Critical: The breaker protects the wire not the appliance

Here’s the critical part: the heat generated in the wire isn’t linearly proportional to current, it’s proportional to the square of the current. This is where the danger lives. It goes from 12² × R (144 × R) to 20² × R (400 × R). That’s nearly triple the heat in the same wire. And the wire’s resistance doesn’t change, only the current does. That’s nearly three times more heat for just a 67% increase in current. Your wire wasn’t designed for that. Think about the space heater with a coil of wire that gets red hot, or the old style car cigarette lighters that when you pushed them into the socket glowed red to start a fire. That is what you’re in essence doing inside your wall or attic if you increase the breaker without increasing the wire size.

Here’s what you can do (in order of how much work they are):

  1. Map out all the outlets to which breaker they are on. Mark the breaker size, location in the panel (or better yet label all). Turn one breaker off at a time and see which outlets don’t work anymore. Then see if there’s a kitchen or bathroom plug that isn’t on that shared circuit.
  2. Complete the mapping from step 1. Move to another bathroom, or bedroom for the hair dryer. Since that is the heaviest load most likely you can move it. Alternatively, maybe just moving the crock-pot to the dining room or similar would work.
  3. Adjust timings for the future. Make the potatoes before or after the bathroom getting readiness is in full swing.
  4. Run a new circuit to the bedroom or kitchen to those plugs. This requires a new breaker (still sized for the wire you’re running), enough wire to run to the wall drops, and some elbow grease.

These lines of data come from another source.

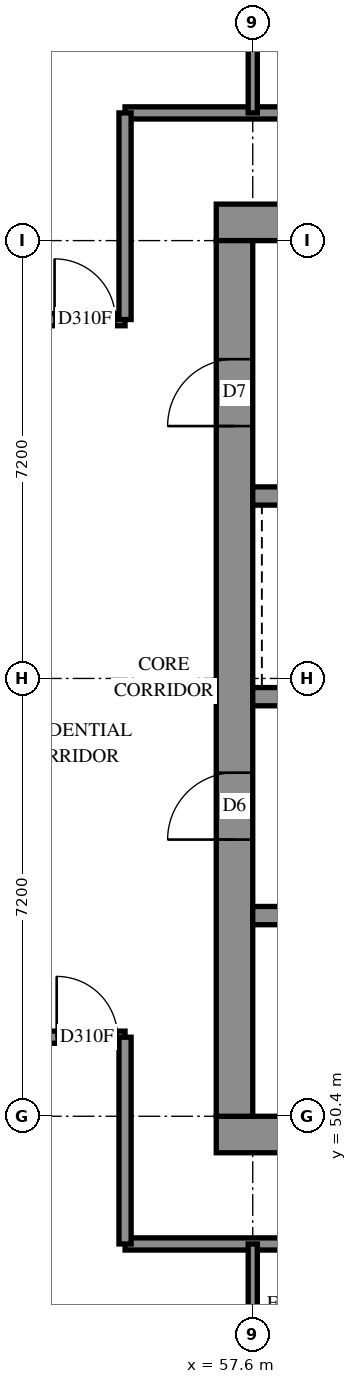
"""IFC4 building model, lengths in metres.
Left out: names, types, materials, properties, quantities, classifications, styles, units other than length and angle.
Written with IfcOpenShell. Run it as: python <this file> out.ifc"""

import sys

from ifc_helpers import new_model, si_unit, direction, frame, frame_2d, origin, place, context, subcontext, project, spatial, rectangle, extrude, element, fill, save


model = new_model("IFC4")
c1 = context("Model", 3, precision=1e-05, world=origin(), true_north=direction((0.0, 1.0)))
c2 = subcontext(c1, "Body", "Model", "MODEL_VIEW")
j1 = project(units=[si_unit("LENGTHUNIT", "METRE"), si_unit("PLANEANGLEUNIT", "RADIAN")], contexts=[c1])
p1 = place(None, origin())
s1 = spatial("IfcSite", under=j1, at=p1, CompositionType="ELEMENT")
p2 = place(p1, origin())
s2 = spatial("IfcBuilding", under=s1, at=p2, CompositionType="ELEMENT")
p3 = place(p2, frame((0.0, 0.0, 149.0)))
s3 = spatial("IfcBuildingStorey", under=s2, at=p3, CompositionType="ELEMENT", Elevation=149.0)
p4 = place(p3, frame((57.0, 50.1, -0.3), z_axis=(0.0, 0.0, 1.0), x_axis=(1.0, 0.0, 0.0)))
e1 = element("IfcWall", 1, at=p4, inside=s3, PredefinedType="SHEAR", context=c2, shape_type="SweptSolid", body=[
    extrude(rectangle(XDim=15.6, YDim=0.6, at=frame_2d((7.8, 0.0))), origin(), (0.0, 0.0, 1.0), 2.7),
])
p5 = place(p3, frame((57.0, 65.1, -0.3), z_axis=(0.0, 0.0, 1.0), x_axis=(1.0, 0.0, 0.0)))
e2 = element("IfcWall", 2, at=p5, inside=s3, PredefinedType="SHEAR", context=c2, shape_type="SweptSolid", body=[
    extrude(rectangle(XDim=15.6, YDim=0.6, at=frame_2d((7.8, 0.0))), origin(), (0.0, 0.0, 1.0), 2.7),
])
p6 = place(p5, frame((10.6, 0.0, 0.3)))
e3 = element("IfcOpeningElement", 3, at=p6, cuts=e2, PredefinedType="OPENING", context=c2, shape_type="SweptSolid", body=[
    extrude(rectangle(XDim=0.8, YDim=2.1, at=frame_2d((0.4, 1.05))), frame((0.0, 0.31, 0.0), z_axis=(0.0, -1.0, 0.0), x_axis=(1.0, 0.0, 0.0)), (0.0, 0.0, 1.0), 0.62),
])
p7 = place(p3, frame((57.3, 50.4, -0.3), z_axis=(0.0, 0.0, 1.0), x_axis=(0.0, 1.0, 0.0)))
e4 = element("IfcWall", 4, at=p7, inside=s3, PredefinedType="SHEAR", context=c2, shape_type="SweptSolid", body=[
    extrude(rectangle(XDim=14.4, YDim=0.6, at=frame_2d((7.2, 0.0))), origin(), (0.0, 0.0, 1.0), 2.7),
])
p8 = place(p7, frame((4.55, 0.0, 0.3)))
e5 = element("IfcOpeningElement", 5, at=p8, cuts=e4, PredefinedType="OPENING", context=c2, shape_type="SweptSolid", body=[
    extrude(rectangle(XDim=1.1, YDim=2.1, at=frame_2d((0.55, 1.05))), frame((0.0, 0.31, 0.0), z_axis=(0.0, -1.0, 0.0), x_axis=(1.0, 0.0, 0.0)), (0.0, 0.0, 1.0), 0.62),
])
p9 = place(p7, frame((11.35, 0.0, 0.3)))
e6 = element("IfcOpeningElement", 6, at=p9, cuts=e4, PredefinedType="OPENING", context=c2, shape_type="SweptSolid", body=[
    extrude(rectangle(XDim=1.1, YDim=2.1, at=frame_2d((0.55, 1.05))), frame((0.0, 0.31, 0.0), z_axis=(0.0, -1.0, 0.0), x_axis=(1.0, 0.0, 0.0)), (0.0, 0.0, 1.0), 0.62),
])
p10 = place(p3, frame((57.6, 53.7, 0.0), z_axis=(0.0, 0.0, 1.0), x_axis=(1.0, 0.0, 0.0)))
e7 = element("IfcWall", 7, at=p10, inside=s3, PredefinedType="SOLIDWALL", context=c2, shape_type="SweptSolid", body=[
    extrude(rectangle(XDim=14.4, YDim=0.3, at=frame_2d((7.2, 0.0))), origin(), (0.0, 0.0, 1.0), 3.1),
])
p11 = place(p10, frame((1.35, 0.0, 0.0)))
e8 = element("IfcOpeningElement", 8, at=p11, cuts=e7, PredefinedType="OPENING", context=c2, shape_type="SweptSolid", body=[
    extrude(rectangle(XDim=0.9, YDim=2.1, at=frame_2d((0.45, 1.05))), frame((0.0, 0.16, 0.0), z_axis=(0.0, -1.0, 0.0), x_axis=(1.0, 0.0, 0.0)), (0.0, 0.0, 1.0), 0.32),
])
p12 = place(p10, frame((4.95, 0.0, 0.0)))
e9 = element("IfcOpeningElement", 9, at=p12, cuts=e7, PredefinedType="OPENING", context=c2, shape_type="SweptSolid", body=[
    extrude(rectangle(XDim=0.9, YDim=2.1, at=frame_2d((0.45, 1.05))), frame((0.0, 0.16, 0.0), z_axis=(0.0, -1.0, 0.0), x_axis=(1.0, 0.0, 0.0)), (0.0, 0.0, 1.0), 0.32),
])
p13 = place(p10, frame((8.55, 0.0, 0.0)))
e10 = element("IfcOpeningElement", 10, at=p13, cuts=e7, PredefinedType="OPENING", context=c2, shape_type="SweptSolid", body=[
    extrude(rectangle(XDim=0.9, YDim=2.1, at=frame_2d((0.45, 1.05))), frame((0.0, 0.16, 0.0), z_axis=(0.0, -1.0, 0.0), x_axis=(1.0, 0.0, 0.0)), (0.0, 0.0, 1.0), 0.32),
])
p14 = place(p10, frame((12.05, 0.0, 0.0)))
e11 = element("IfcOpeningElement", 11, at=p14, cuts=e7, PredefinedType="OPENING", context=c2, shape_type="SweptSolid", body=[
    extrude(rectangle(XDim=1.1, YDim=2.1, at=frame_2d((0.55, 1.05))), frame((0.0, 0.16, 0.0), z_axis=(0.0, -1.0, 0.0), x_axis=(1.0, 0.0, 0.0)), (0.0, 0.0, 1.0), 0.32),
])
p15 = place(p3, frame((57.6, 57.3, 0.0), z_axis=(0.0, 0.0, 1.0), x_axis=(1.0, 0.0, 0.0)))
e12 = element("IfcWall", 12, at=p15, inside=s3, PredefinedType="SOLIDWALL", context=c2, shape_type="SweptSolid", body=[
    extrude(rectangle(XDim=14.4, YDim=0.3, at=frame_2d((7.2, 0.0))), origin(), (0.0, 0.0, 1.0), 3.1),
])
p16 = place(p15, frame((1.25, 0.0, 0.0)))
e13 = element("IfcOpeningElement", 13, at=p16, cuts=e12, PredefinedType="OPENING", context=c2, shape_type="SweptSolid", body=[
    extrude(rectangle(XDim=1.1, YDim=2.1, at=frame_2d((0.55, 1.05))), frame((0.0, 0.16, 0.0), z_axis=(0.0, -1.0, 0.0), x_axis=(1.0, 0.0, 0.0)), (0.0, 0.0, 1.0), 0.32),
])
p17 = place(p15, frame((4.85, 0.0, 0.0)))
e14 = element("IfcOpeningElement", 14, at=p17, cuts=e12, PredefinedType="OPENING", context=c2, shape_type="SweptSolid", body=[
    extrude(rectangle(XDim=1.1, YDim=2.1, at=frame_2d((0.55, 1.05))), frame((0.0, 0.16, 0.0), z_axis=(0.0, -1.0, 0.0), x_axis=(1.0, 0.0, 0.0)), (0.0, 0.0, 1.0), 0.32),
])
p18 = place(p15, frame((8.45, 0.0, 0.0)))
e15 = element("IfcOpeningElement", 15, at=p18, cuts=e12, PredefinedType="OPENING", context=c2, shape_type="SweptSolid", body=[
    extrude(rectangle(XDim=1.1, YDim=2.1, at=frame_2d((0.55, 1.05))), frame((0.0, 0.16, 0.0), z_axis=(0.0, -1.0, 0.0), x_axis=(1.0, 0.0, 0.0)), (0.0, 0.0, 1.0), 0.32),
])
p19 = place(p15, frame((12.05, 0.0, 0.0)))
e16 = element("IfcOpeningElement", 16, at=p19, cuts=e12, PredefinedType="OPENING", context=c2, shape_type="SweptSolid", body=[
    extrude(rectangle(XDim=1.1, YDim=2.1, at=frame_2d((0.55, 1.05))), frame((0.0, 0.16, 0.0), z_axis=(0.0, -1.0, 0.0), x_axis=(1.0, 0.0, 0.0)), (0.0, 0.0, 1.0), 0.32),
])
p20 = place(p3, frame((57.6, 60.6, 0.0), z_axis=(0.0, 0.0, 1.0), x_axis=(1.0, 0.0, 0.0)))
e17 = element("IfcWall", 17, at=p20, inside=s3, PredefinedType="SOLIDWALL", context=c2, shape_type="SweptSolid", body=[
    extrude(rectangle(XDim=7.2, YDim=0.3, at=frame_2d((3.6, 0.0))), origin(), (0.0, 0.0, 1.0), 3.1),
])
p21 = place(p3, frame((55.5, 48.3, 0.0), z_axis=(0.0, 0.0, 1.0), x_axis=(1.0, 0.0, 0.0)))
e18 = element("IfcWall", 18, at=p21, inside=s3, PredefinedType="PARTITIONING", context=c2, shape_type="SweptSolid", body=[
    extrude(rectangle(XDim=18.974, YDim=0.2, at=frame_2d((9.487, 0.0))), origin(), (0.0, 0.0, 1.0), 3.1),
])
p22 = place(p21, frame((4.4, 0.0, 0.0)))
e19 = element("IfcOpeningElement", 19, at=p22, cuts=e18, PredefinedType="OPENING", context=c2, shape_type="SweptSolid", body=[
    extrude(rectangle(XDim=0.9, YDim=2.1, at=frame_2d((0.45, 1.05))), frame((0.0, 0.11, 0.0), z_axis=(0.0, -1.0, 0.0), x_axis=(1.0, 0.0, 0.0)), (0.0, 0.0, 1.0), 0.22),
])
p23 = place(p21, frame((6.1, 0.0, 0.0)))
e20 = element("IfcOpeningElement", 20, at=p23, cuts=e18, PredefinedType="OPENING", context=c2, shape_type="SweptSolid", body=[
    extrude(rectangle(XDim=0.9, YDim=2.1, at=frame_2d((0.45, 1.05))), frame((0.0, 0.11, 0.0), z_axis=(0.0, -1.0, 0.0), x_axis=(1.0, 0.0, 0.0)), (0.0, 0.0, 1.0), 0.22),
])
p24 = place(p21, frame((13.162, 0.0, 0.0)))
e21 = element("IfcOpeningElement", 21, at=p24, cuts=e18, PredefinedType="OPENING", context=c2, shape_type="SweptSolid", body=[
    extrude(rectangle(XDim=1.0, YDim=2.1, at=frame_2d((0.5, 1.05))), frame((0.0, 0.11, 0.0), z_axis=(0.0, -1.0, 0.0), x_axis=(1.0, 0.0, 0.0)), (0.0, 0.0, 1.0), 0.22),
])
p25 = place(p3, frame((55.5, 66.9, 0.0), z_axis=(0.0, 0.0, 1.0), x_axis=(1.0, 0.0, 0.0)))
e22 = element("IfcWall", 22, at=p25, inside=s3, PredefinedType="PARTITIONING", context=c2, shape_type="SweptSolid", body=[
    extrude(rectangle(XDim=18.6, YDim=0.2, at=frame_2d((9.3, 0.0))), origin(), (0.0, 0.0, 1.0), 3.1),
])
p26 = place(p25, frame((4.4, 0.0, 0.0)))
e23 = element("IfcOpeningElement", 23, at=p26, cuts=e22, PredefinedType="OPENING", context=c2, shape_type="SweptSolid", body=[
    extrude(rectangle(XDim=0.9, YDim=2.1, at=frame_2d((0.45, 1.05))), frame((0.0, 0.11, 0.0), z_axis=(0.0, -1.0, 0.0), x_axis=(1.0, 0.0, 0.0)), (0.0, 0.0, 1.0), 0.22),
])
p27 = place(p25, frame((6.1, 0.0, 0.0)))
e24 = element("IfcOpeningElement", 24, at=p27, cuts=e22, PredefinedType="OPENING", context=c2, shape_type="SweptSolid", body=[
    extrude(rectangle(XDim=0.9, YDim=2.1, at=frame_2d((0.45, 1.05))), frame((0.0, 0.11, 0.0), z_axis=(0.0, -1.0, 0.0), x_axis=(1.0, 0.0, 0.0)), (0.0, 0.0, 1.0), 0.22),
])
p28 = place(p25, frame((11.65, 0.0, 0.0)))
e25 = element("IfcOpeningElement", 25, at=p28, cuts=e22, PredefinedType="OPENING", context=c2, shape_type="SweptSolid", body=[
    extrude(rectangle(XDim=0.9, YDim=2.1, at=frame_2d((0.45, 1.05))), frame((0.0, 0.11, 0.0), z_axis=(0.0, -1.0, 0.0), x_axis=(1.0, 0.0, 0.0)), (0.0, 0.0, 1.0), 0.22),
])
p29 = place(p25, frame((13.3, 0.0, 0.0)))
e26 = element("IfcOpeningElement", 26, at=p29, cuts=e22, PredefinedType="OPENING", context=c2, shape_type="SweptSolid", body=[
    extrude(rectangle(XDim=0.9, YDim=2.1, at=frame_2d((0.45, 1.05))), frame((0.0, 0.11, 0.0), z_axis=(0.0, -1.0, 0.0), x_axis=(1.0, 0.0, 0.0)), (0.0, 0.0, 1.0), 0.22),
])
p30 = place(p3, frame((50.4, 51.7, 0.0), z_axis=(0.0, 0.0, 1.0), x_axis=(1.0, 0.0, 0.0)))
e27 = element("IfcWall", 27, at=p30, inside=s3, PredefinedType="PARTITIONING", context=c2, shape_type="SweptSolid", body=[
    extrude(rectangle(XDim=5.1, YDim=0.2, at=frame_2d((2.55, 0.0))), origin(), (0.0, 0.0, 1.0), 3.1),
])
p31 = place(p30, frame((0.552, 0.0, 0.0)))
e28 = element("IfcOpeningElement", 28, at=p31, cuts=e27, PredefinedType="OPENING", context=c2, shape_type="SweptSolid", body=[
    extrude(rectangle(XDim=0.9, YDim=2.1, at=frame_2d((0.45, 1.05))), frame((0.0, 0.11, 0.0), z_axis=(0.0, -1.0, 0.0), x_axis=(1.0, 0.0, 0.0)), (0.0, 0.0, 1.0), 0.22),
])
p32 = place(p30, frame((3.976, 0.0, 0.0)))
e29 = element("IfcOpeningElement", 29, at=p32, cuts=e27, PredefinedType="OPENING", context=c2, shape_type="SweptSolid", body=[
    extrude(rectangle(XDim=1.0, YDim=2.1, at=frame_2d((0.5, 1.05))), frame((0.0, 0.11, 0.0), z_axis=(0.0, -1.0, 0.0), x_axis=(1.0, 0.0, 0.0)), (0.0, 0.0, 1.0), 0.22),
])
p33 = place(p3, frame((50.4, 63.5, 0.0), z_axis=(0.0, 0.0, 1.0), x_axis=(1.0, 0.0, 0.0)))
e30 = element("IfcWall", 30, at=p33, inside=s3, PredefinedType="PARTITIONING", context=c2, shape_type="SweptSolid", body=[
    extrude(rectangle(XDim=5.1, YDim=0.2, at=frame_2d((2.55, 0.0))), origin(), (0.0, 0.0, 1.0), 3.1),
])
p34 = place(p33, frame((0.552, 0.0, 0.0)))
e31 = element("IfcOpeningElement", 31, at=p34, cuts=e30, PredefinedType="OPENING", context=c2, shape_type="SweptSolid", body=[
    extrude(rectangle(XDim=0.9, YDim=2.1, at=frame_2d((0.45, 1.05))), frame((0.0, 0.11, 0.0), z_axis=(0.0, -1.0, 0.0), x_axis=(1.0, 0.0, 0.0)), (0.0, 0.0, 1.0), 0.22),
])
p35 = place(p33, frame((3.941, 0.0, 0.0)))
e32 = element("IfcOpeningElement", 32, at=p35, cuts=e30, PredefinedType="OPENING", context=c2, shape_type="SweptSolid", body=[
    extrude(rectangle(XDim=1.0, YDim=2.1, at=frame_2d((0.5, 1.05))), frame((0.0, 0.11, 0.0), z_axis=(0.0, -1.0, 0.0), x_axis=(1.0, 0.0, 0.0)), (0.0, 0.0, 1.0), 0.22),
])
p36 = place(p3, frame((55.5, 48.3, 0.0), z_axis=(0.0, 0.0, 1.0), x_axis=(0.0, 1.0, 0.0)))
e33 = element("IfcWall", 33, at=p36, inside=s3, PredefinedType="PARTITIONING", context=c2, shape_type="SweptSolid", body=[
    extrude(rectangle(XDim=3.4, YDim=0.2, at=frame_2d((1.7, 0.0))), origin(), (0.0, 0.0, 1.0), 3.1),
])
p37 = place(p3, frame((55.5, 63.502, 0.0), z_axis=(0.0, 0.0, 1.0), x_axis=(0.0, 1.0, 0.0)))
e34 = element("IfcWall", 34, at=p37, inside=s3, PredefinedType="PARTITIONING", context=c2, shape_type="SweptSolid", body=[
    extrude(rectangle(XDim=3.398, YDim=0.2, at=frame_2d((1.699, 0.0))), origin(), (0.0, 0.0, 1.0), 3.1),
])
for number, where, z_axis, x_axis in (
    (35, (57.6, 45.9, 0.0), (0.0, 0.0, 1.0), (0.0, 1.0, 0.0)),
    (36, (57.6, 66.9, 0.0), (0.0, 0.0, 1.0), (0.0, 1.0, 0.0)),
):
    element("IfcWall", number, at=place(p3, frame(where, z_axis=z_axis, x_axis=x_axis)), inside=s3, PredefinedType="PARTITIONING", context=c2, shape_type="SweptSolid", body=[
        extrude(rectangle(XDim=2.4, YDim=0.15, at=frame_2d((1.2, 0.0))), origin(), (0.0, 0.0, 1.0), 3.1),
    ])
p38 = place(p8, origin())
e37 = element("IfcDoor", 37, at=p38, inside=s3, OperationType="DOUBLE_DOOR_SINGLE_SWING", PredefinedType="DOOR", context=c2, shape_type="SweptSolid", body=[
    extrude(rectangle(XDim=1.1, YDim=2.1, at=frame_2d((0.55, 1.05))), frame((0.0, 0.025, 0.0), z_axis=(0.0, -1.0, 0.0), x_axis=(1.0, 0.0, 0.0)), (0.0, 0.0, 1.0), 0.05),
])
fill(e5, e37)
p39 = place(p9, origin())
e38 = element("IfcDoor", 38, at=p39, inside=s3, OperationType="SINGLE_SWING_LEFT", PredefinedType="DOOR", context=c2, shape_type="SweptSolid", body=[
    extrude(rectangle(XDim=1.1, YDim=2.1, at=frame_2d((0.55, 1.05))), frame((0.0, 0.025, 0.0), z_axis=(0.0, -1.0, 0.0), x_axis=(1.0, 0.0, 0.0)), (0.0, 0.0, 1.0), 0.05),
])
fill(e6, e38)
p40 = place(p35, origin())
e39 = element("IfcDoor", 39, at=p40, inside=s3, OperationType="SINGLE_SWING_LEFT", PredefinedType="DOOR", context=c2, shape_type="SweptSolid", body=[
    extrude(rectangle(XDim=1.0, YDim=2.1, at=frame_2d((0.5, 1.05))), frame((0.0, 0.025, 0.0), z_axis=(0.0, -1.0, 0.0), x_axis=(1.0, 0.0, 0.0)), (0.0, 0.0, 1.0), 0.05),
])
fill(e32, e39)
p41 = place(p32, origin())
e40 = element("IfcDoor", 40, at=p41, inside=s3, OperationType="SINGLE_SWING_RIGHT", PredefinedType="DOOR", context=c2, shape_type="SweptSolid", body=[
    extrude(rectangle(XDim=1.0, YDim=2.1, at=frame_2d((0.5, 1.05))), frame((0.0, 0.025, 0.0), z_axis=(0.0, -1.0, 0.0), x_axis=(1.0, 0.0, 0.0)), (0.0, 0.0, 1.0), 0.05),
])
fill(e29, e40)
save(model, sys.argv[1])

Shut off the main power to the house, fish a wire up from the panel to the attic, run it and terminate either at the wall drops (junction boxes may be required, or straight down the wall to the plugs).
  5. Decide that after my droning on here you’d rather just call an electrician. ;)

Remember that breakers protect wires not appliances. The breaker box knows nothing about what you connected to it. It simply there to let you know when you’re asking too much of the wire in the wall to safely deliver.